Friday, March 4, 2022

A visual clue. . .

All around us Christians are being drawn into the immanent agendas of everything from ecology and climate change to technological aides to a longer life.  It is as if Christians have forgotten the journey, have lost track of the path.  Liturgically it is the tie between the baptismal beginning and the funeral that ends with its own acknowledgement of that baptism and points beyond to an eternal future.  What was once there liturgically was also there architecturally.

What I mean is this?  The font was there both as the instrument of the new beginning and its reminder to the baptized of that new birth of their lost lives by water and the Word.  But just as the font was the beginning, the cemetery out back signaled the end.  The visual clues to this connection were always there but were known and appreciated only sporadically.  And that is a shame.  

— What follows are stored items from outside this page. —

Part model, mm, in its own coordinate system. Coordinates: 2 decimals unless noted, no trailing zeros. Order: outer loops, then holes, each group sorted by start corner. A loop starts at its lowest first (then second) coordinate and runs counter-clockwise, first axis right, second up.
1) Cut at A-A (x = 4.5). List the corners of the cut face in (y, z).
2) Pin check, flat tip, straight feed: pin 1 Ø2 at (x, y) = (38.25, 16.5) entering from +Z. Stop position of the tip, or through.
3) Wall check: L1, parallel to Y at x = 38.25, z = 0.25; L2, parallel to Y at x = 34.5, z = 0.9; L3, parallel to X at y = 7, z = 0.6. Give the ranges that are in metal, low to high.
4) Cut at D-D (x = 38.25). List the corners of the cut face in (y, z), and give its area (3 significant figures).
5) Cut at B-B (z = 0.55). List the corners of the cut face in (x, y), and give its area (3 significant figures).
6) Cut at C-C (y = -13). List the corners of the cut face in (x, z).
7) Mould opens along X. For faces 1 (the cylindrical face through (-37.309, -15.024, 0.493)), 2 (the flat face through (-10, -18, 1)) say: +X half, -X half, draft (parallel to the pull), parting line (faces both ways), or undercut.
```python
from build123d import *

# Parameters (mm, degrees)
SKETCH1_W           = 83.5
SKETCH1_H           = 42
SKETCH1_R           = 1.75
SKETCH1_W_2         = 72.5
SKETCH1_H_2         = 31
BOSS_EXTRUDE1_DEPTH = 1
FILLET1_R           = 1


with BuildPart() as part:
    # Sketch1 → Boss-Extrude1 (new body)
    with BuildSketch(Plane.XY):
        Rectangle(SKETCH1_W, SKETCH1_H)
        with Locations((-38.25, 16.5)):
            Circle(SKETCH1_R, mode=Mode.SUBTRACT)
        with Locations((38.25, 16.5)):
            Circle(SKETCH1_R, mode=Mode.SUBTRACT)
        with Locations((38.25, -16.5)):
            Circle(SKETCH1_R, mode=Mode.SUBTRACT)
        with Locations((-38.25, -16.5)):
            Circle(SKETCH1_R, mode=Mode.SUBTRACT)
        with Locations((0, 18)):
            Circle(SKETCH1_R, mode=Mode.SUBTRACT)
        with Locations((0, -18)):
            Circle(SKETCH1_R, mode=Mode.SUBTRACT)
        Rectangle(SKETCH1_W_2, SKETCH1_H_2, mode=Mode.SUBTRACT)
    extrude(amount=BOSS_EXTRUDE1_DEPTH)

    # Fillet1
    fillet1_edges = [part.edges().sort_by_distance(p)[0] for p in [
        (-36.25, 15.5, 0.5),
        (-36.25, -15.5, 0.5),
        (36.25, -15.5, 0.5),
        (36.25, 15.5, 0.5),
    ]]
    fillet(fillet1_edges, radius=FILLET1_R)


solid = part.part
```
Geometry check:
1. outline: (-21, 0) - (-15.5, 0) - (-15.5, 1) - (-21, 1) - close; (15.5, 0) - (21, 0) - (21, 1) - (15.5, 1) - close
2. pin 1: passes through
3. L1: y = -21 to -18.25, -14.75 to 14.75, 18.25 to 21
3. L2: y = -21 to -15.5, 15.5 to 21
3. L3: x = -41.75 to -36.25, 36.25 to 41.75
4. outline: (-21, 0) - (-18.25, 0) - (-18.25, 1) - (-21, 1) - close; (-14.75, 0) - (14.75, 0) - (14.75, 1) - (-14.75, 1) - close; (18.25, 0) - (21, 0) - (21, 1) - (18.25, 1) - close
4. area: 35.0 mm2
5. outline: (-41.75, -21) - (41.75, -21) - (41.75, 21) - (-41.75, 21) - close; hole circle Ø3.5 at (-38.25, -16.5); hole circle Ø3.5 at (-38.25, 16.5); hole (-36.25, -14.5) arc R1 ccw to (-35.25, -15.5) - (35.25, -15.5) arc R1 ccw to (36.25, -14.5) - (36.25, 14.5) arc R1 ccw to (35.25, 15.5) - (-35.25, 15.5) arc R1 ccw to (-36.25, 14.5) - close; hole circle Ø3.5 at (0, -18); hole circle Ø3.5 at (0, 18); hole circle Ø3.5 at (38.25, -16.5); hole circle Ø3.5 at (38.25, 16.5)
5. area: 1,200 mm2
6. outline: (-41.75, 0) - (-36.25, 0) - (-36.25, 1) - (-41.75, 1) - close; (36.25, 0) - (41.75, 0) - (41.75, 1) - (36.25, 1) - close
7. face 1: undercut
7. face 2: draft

The loss of these ties has come for many reasons.  On the one hand, the urbanization and suburbanization of the congregation has left churches without land to connect a cemetery to their building.  In rural areas it was extremely common but in our press for space, cemeteries have become expensive land hogs that few congregations find worth the investment.  On the other hand, burial is a less popular option today than ever before.  Of course, this is due to the cost (average funeral, stone, and burial plot is more expensive than ever) but it is also due to the mobility of families and the lack of a common ancestral home to be the location of burials.  In my own parish, few of the children of our families live locally and fewer of those families were local in the first place.  Cremation and figuring out what to do with the ashes has become normative for our time.  Although Christianity has had its issues with cremation, the cost and attention given to the body cannot be considered good Christian practice either.  So it is hard to deny the urge to cremate but even then the cremation cannot be allowed to avoid the need for a proper place of inurnment to prevent the ashes from being carted about.  That is not Christian either.  Nor is the sentimental favorite of dropping little bits and pieces of a loved one here and there as the cremains are left here and there where the deceased or the family has attachment.

All of this might simply be academic except that the advent of the celebration of life with its attention on the past and the lack of attention given to the proper resting place of the remains have only encouraged this focus on the life lived instead of the life promised in baptism.  It shows up more and more in the funeral services (or, as I detest, celebrations of life) but also in the sermons and homilies from clergy.  It is not uncommon to hear little or no mention of the resurrection of the body and the life everlasting which are the gift of our Risen Savior.  Instead, we are left with a vague notion of a spiritualized existence somewhere out there -- not far from Disney's circle of life idea where the future is some grand reunion with nature and the spirits of all the dead more than the resurrection of the body and the life everlasting IN Christ.

It makes me long for the visual clue of font and cemetery that connects the eye and the mind to what baptism promises and God's fulfillment of the new and everlasting life which is His gift and blessing from the water and the Spirit.  Maybe we need to work more on this re-connection -- especially during Lent.